Exhibit 3.1
CERTIFICATE OF AMENDMENT TO
SEVENTH AMENDED AND RESTATED CERTIFICATE OF INCORPORATION OF LESLIE’S, INC.
Leslie’s, Inc., a corporation organized and existing under the laws of the State of Delaware (the “Corporation”), DOES HEREBY CERTIFY AS FOLLOWS:
The total number of shares of all classes of capital stock which the Company shall have authority to issue is 51,000,000, which shall be divided into two classes as follows: 50,000,000 shares of common stock, par value $0.001 per share (“Common Stock”), and 1,000,000 shares of preferred stock, par value $0.001 per share (“Preferred Stock”).
Upon the filing and effectiveness of this Certificate of Amendment (the “Effective Time”), every 20 shares of Common Stock issued and outstanding or held by the Company in treasury immediately prior to the Effective Time shall, automatically and without any action on the part of the Company or the respective holders thereof, be combined and reclassified into one (1) validly issued, fully paid and non-assessable share of Common Stock (the “Reverse Stock Split”). No fractional shares of Common Stock shall be issued as a result of the Reverse Stock Split and, in lieu thereof, the Company’s transfer agent for the registered holders of shares of Common Stock shall aggregate all fractional shares of Common Stock and arrange for them to be sold on behalf of such holders whose shares of Common Stock otherwise would have been combined into a fractional share as a result of the Reverse Stock Split and, after completion of the sale, such holders will receive a cash payment from the transfer agent in an amount equal to their respective pro rata share of the total net proceeds of such sale. Each stock certificate that immediately prior to the Effective Time represented shares of Common Stock, if any, shall thereafter represent the number of whole shares of Common Stock into which the shares of Common Stock formerly represented by such certificate shall have been combined and reclassified.

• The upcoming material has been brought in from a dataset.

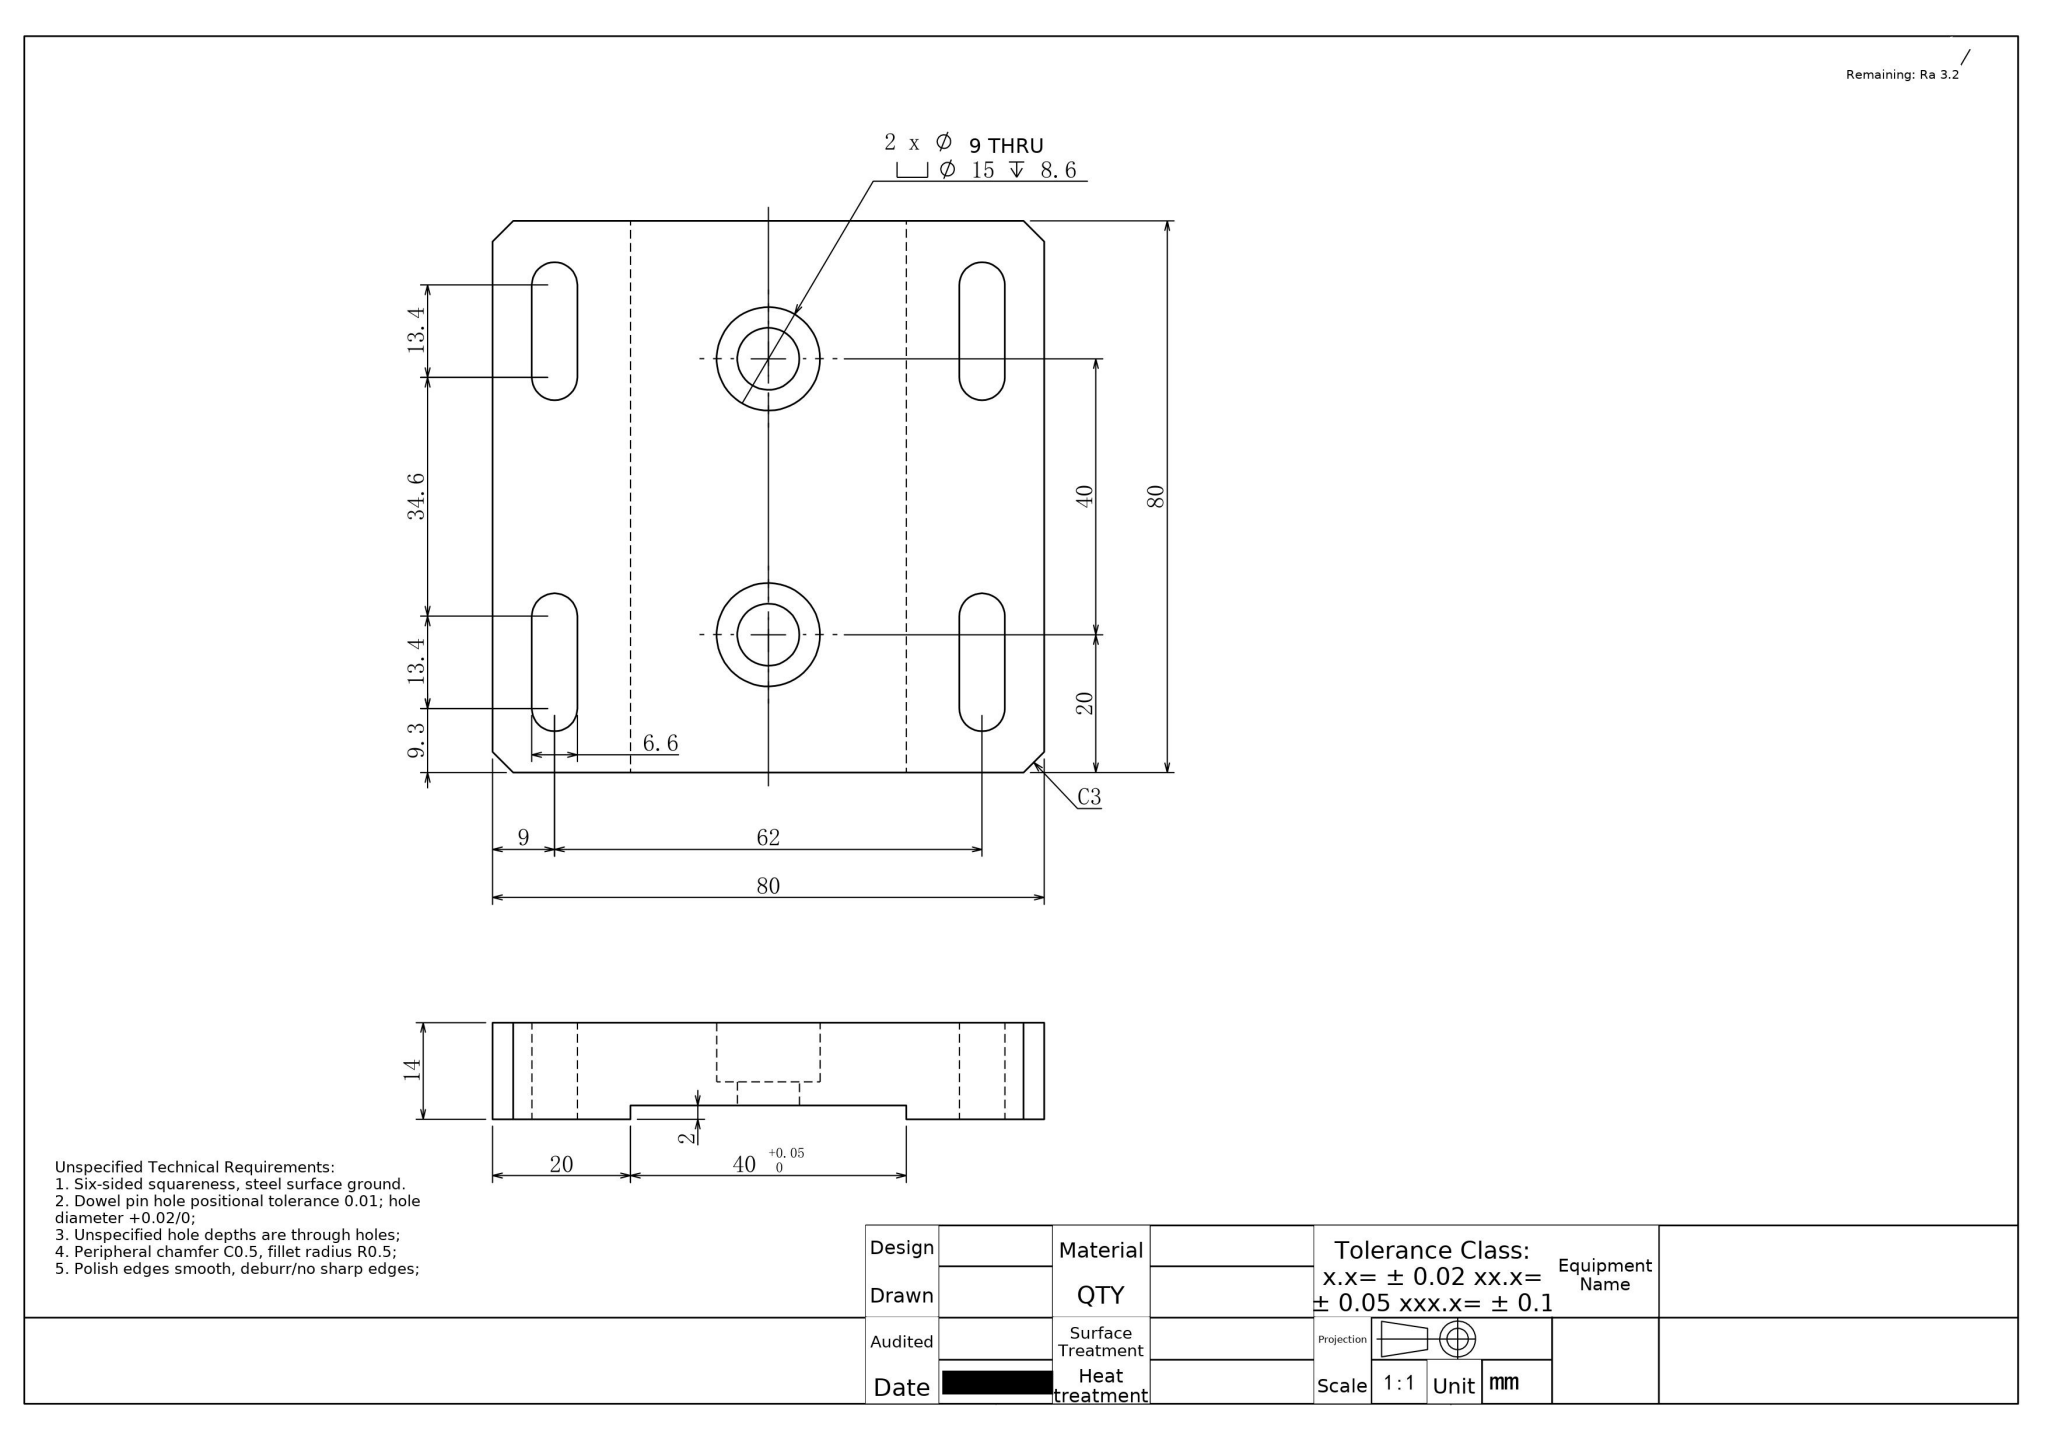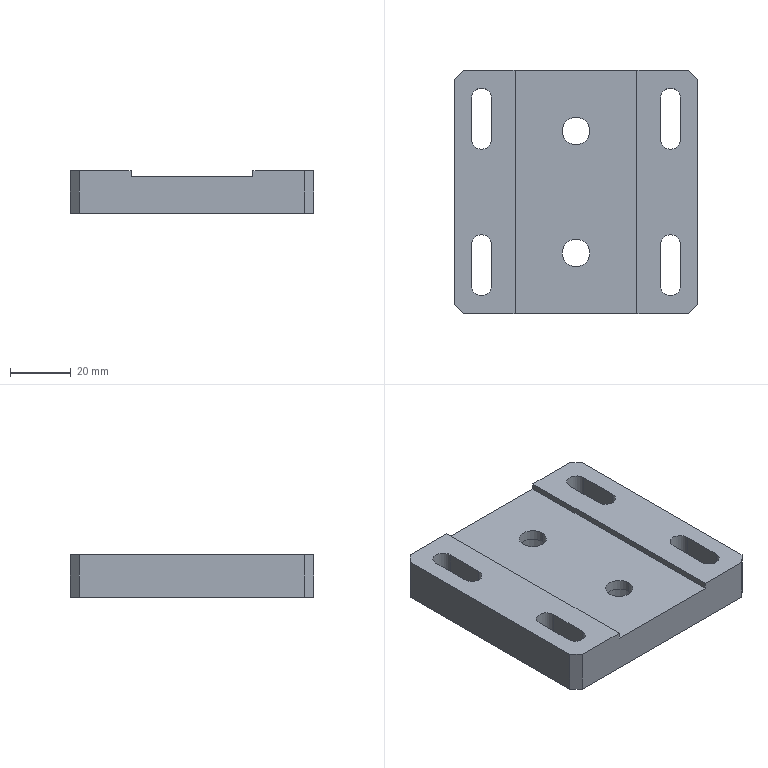Part | NX | mm | 1 solid | 40 faces | box 80 x 80 x 14 mm | volume 72607 mm3 | plane 24 | cylinder 16 | commonest cylinder face diameters 6.6 x8 15 x4 9 x4

The number of authorized shares of Preferred Stock or Common Stock may be increased or decreased (but not below the number of shares thereof then-outstanding) without a separate class vote of the holders of shares of Common Stock or Preferred Stock irrespective of the provisions of Section 242(b)(2) of the DGCL (or any successor provision thereto), unless a vote of any such holder is required pursuant to this Certificate of Incorporation (including any certificate of designation relating to any series of Preferred Stock).
3. The amendment to the Certificate set forth in this Certificate of Amendment were duly authorized and adopted in accordance with Section 242 of the General Corporation Law of the State of Delaware.